1. 8

  2. 5

    Define your destructors outside the class declaration so they don’t get inlined by the compiler in both functions — the caller and the callee that returns the optional — to avoid binary size increase.

    As we recently found out, that’s a problem for Rust as well: https://github.com/rust-lang/rust/issues/88438

    1. 3

      Interesting. Both langauages have similar challenges.

      One huge advantage of Rust is that the compiler can statically determine a destructor is not necessary after moving a value. That helps with the problem I’ve described in the article.

      1. 1

        AFAIK the code to statically determine whether a destructor needs to be run after a move in Rust is:

        return false;
    2. 1

      Define your destructors outside the class declaration so they don’t get inlined by the compiler in both functions

      I don’t believe that trick will work when building with LTO, since then any function is eligible for inlining, whether or not it’s in a header.

      I generally build releases with both LTO and -Os; the latter tames excessive inlining.

      1. 2

        When performing the LTO, the compiler (or linker) has a global view of the code and can decide not inlining a destructor that’s called in many places. As you said, -Os helps with that.

      2. 1

        Like you said, this all leads back to the problem that move constructor implementations can vary in how expensive they are to call. Google protobuf performing a full copy if other arena id != this arena id is surprising to me, although it does comply with the C++ standard. It would be better if they reassigned ownership in their Arena allocator. Does anyone know of an easy way to instrument C++ move constructors to detect how expensive they are? If there is a solution with static analysis that would be even better. It would also be helpful if we could manually decorate a move constructor that is expensive in such a way that std::optional warns us if it calls the expensive move.

        A crude way to do this would be to define an interface that has a method bool moveIsExpensive() and log when std::optional is used with an expensive move constructor.
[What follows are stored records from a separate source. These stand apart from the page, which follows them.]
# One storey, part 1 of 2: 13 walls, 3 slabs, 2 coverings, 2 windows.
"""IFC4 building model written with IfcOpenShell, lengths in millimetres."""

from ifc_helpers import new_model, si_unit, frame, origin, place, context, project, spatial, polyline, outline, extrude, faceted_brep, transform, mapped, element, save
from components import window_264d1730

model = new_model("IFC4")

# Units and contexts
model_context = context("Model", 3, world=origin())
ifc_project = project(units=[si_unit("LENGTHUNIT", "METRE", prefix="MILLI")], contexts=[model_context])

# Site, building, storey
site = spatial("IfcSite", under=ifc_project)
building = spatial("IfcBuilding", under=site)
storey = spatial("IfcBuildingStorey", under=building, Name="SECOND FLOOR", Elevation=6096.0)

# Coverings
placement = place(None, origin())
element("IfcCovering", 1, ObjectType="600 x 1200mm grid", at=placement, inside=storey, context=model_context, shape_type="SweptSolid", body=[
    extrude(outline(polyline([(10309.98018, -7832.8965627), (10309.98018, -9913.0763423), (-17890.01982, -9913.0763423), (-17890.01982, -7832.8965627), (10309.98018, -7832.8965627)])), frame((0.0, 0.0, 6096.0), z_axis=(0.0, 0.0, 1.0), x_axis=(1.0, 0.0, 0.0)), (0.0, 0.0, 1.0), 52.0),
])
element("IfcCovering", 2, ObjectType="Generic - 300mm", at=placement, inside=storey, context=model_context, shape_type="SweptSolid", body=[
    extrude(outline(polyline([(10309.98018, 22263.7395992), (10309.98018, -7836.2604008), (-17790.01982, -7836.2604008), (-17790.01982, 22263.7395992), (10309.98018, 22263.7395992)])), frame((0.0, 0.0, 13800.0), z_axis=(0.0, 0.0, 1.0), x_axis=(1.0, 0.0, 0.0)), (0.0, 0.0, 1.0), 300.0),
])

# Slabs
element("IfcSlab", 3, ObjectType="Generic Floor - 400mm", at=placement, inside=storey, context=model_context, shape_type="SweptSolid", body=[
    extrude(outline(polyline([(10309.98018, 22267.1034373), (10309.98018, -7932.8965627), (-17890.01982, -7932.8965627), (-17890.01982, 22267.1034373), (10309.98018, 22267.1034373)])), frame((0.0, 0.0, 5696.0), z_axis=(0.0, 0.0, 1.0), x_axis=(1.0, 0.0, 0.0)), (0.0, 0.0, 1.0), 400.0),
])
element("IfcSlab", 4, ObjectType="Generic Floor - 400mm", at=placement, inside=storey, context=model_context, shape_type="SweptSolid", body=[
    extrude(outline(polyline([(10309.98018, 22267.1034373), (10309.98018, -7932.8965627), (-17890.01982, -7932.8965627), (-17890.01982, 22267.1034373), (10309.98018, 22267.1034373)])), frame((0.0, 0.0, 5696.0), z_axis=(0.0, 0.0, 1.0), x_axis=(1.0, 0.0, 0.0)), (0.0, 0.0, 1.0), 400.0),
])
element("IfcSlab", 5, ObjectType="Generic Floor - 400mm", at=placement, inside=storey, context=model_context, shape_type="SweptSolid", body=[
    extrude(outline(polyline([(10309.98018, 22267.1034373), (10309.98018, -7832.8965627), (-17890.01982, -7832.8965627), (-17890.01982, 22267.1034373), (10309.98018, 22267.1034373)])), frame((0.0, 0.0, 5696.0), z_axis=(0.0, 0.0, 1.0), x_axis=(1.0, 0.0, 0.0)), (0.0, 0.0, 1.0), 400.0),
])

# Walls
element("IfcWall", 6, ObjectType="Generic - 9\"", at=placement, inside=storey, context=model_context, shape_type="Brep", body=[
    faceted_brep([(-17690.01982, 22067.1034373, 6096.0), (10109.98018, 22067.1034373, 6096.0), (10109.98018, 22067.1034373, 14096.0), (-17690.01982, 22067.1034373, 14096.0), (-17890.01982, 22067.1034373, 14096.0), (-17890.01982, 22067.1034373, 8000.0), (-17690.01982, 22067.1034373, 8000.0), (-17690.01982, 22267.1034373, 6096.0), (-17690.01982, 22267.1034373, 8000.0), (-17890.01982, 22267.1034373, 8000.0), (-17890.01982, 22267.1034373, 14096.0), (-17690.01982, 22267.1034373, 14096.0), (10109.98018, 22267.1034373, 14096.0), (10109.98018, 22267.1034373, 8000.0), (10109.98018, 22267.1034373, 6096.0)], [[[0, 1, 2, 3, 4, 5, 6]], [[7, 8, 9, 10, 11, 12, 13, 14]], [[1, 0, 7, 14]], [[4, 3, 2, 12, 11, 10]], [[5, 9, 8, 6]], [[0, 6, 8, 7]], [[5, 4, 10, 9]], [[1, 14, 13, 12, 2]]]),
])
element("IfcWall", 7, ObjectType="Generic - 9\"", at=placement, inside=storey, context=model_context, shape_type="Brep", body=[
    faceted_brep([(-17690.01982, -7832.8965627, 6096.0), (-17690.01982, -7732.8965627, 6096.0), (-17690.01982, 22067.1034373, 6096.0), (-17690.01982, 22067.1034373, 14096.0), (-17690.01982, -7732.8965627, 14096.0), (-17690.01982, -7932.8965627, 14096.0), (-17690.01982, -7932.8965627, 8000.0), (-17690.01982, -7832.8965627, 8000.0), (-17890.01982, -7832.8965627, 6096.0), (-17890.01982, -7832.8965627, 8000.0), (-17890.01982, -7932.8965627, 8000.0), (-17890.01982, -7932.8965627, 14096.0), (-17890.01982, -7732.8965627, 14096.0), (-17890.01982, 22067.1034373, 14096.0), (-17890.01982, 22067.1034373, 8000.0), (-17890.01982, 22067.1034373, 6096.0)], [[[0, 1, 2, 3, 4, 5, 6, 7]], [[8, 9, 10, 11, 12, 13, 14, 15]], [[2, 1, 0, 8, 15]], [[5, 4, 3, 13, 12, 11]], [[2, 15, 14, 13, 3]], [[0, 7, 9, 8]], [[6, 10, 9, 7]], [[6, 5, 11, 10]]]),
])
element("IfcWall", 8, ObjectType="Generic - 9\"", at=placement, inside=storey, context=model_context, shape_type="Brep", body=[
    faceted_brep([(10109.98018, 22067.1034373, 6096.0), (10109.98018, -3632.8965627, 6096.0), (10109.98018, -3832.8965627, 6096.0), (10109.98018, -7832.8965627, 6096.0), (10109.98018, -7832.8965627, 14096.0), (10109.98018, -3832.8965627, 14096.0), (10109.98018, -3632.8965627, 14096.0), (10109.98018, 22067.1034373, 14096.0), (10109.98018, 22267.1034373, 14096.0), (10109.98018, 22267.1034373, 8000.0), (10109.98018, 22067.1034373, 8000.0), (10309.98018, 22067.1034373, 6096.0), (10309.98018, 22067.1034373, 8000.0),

And by making a wrapper myproj::optional:

        namespace myproj {
        // interface to describe whether move constructor is expensive
        class MoveCost {
        bool moveIsExpensive()=0;
        class Object : public MoveCost {
        Object(Object&& other) { ExpensiveCopy(other) }
        bool moveIsExpensive() { return true; }
        template <class T>
        class optional {
        std::optional<T> m_optional;
        optional(T o) : m_optional(o) {
          if (DEBUG) {
            auto expense = dynamic_cast<MoveCost>(&o);
            if (expense) {
              std::cerr << "warning at " << __file__ << ':': << __line__
                << ": myproj::optional calling an expensive move constructor." << std::endl;
        // delegate the rest to m_optional

        Then you could make a myproj::optional<Object> and get a warning at runtime.

        EDIT: As an aside - would it be better to prefer std::unique_ptr over std::optional for code that returns Google protobuf messages? That would only ever call a single std::move. Or are the ownerships semantics too restrictive for this use case?

        1. 2

          About your EDIT paragraph:

          I think that’s better for binary size, but I still think output parameters is the way to go because you should leave the decision of where to allocate the protobuf object to the caller.

          If the caller wants to use an Arena (like Google backends do), you make it impossible to use your function by allocating the object in the unique_ptr. Impossible without a copy which is undesirable and avoidable.

          What if the caller has that object from a previous iteration in a loop? Reusing protobuf objects reduces the number of memory allocations as google:: protobuf::ParseFromString reuses the allocated buffers when populating the message again.

          1. 2

            You could allow the allocator and/or deleter to be overloaded via template parameters of the function that returns the unique_ptr. But at that point the function signature would be pretty noisy. And the caller would have to provide said allocators and deleters. I agree that the output parameters is the way to go.

            1. 2

              Noisy and you would lose the ability to compile them separately — templates have to be declared and defined inline.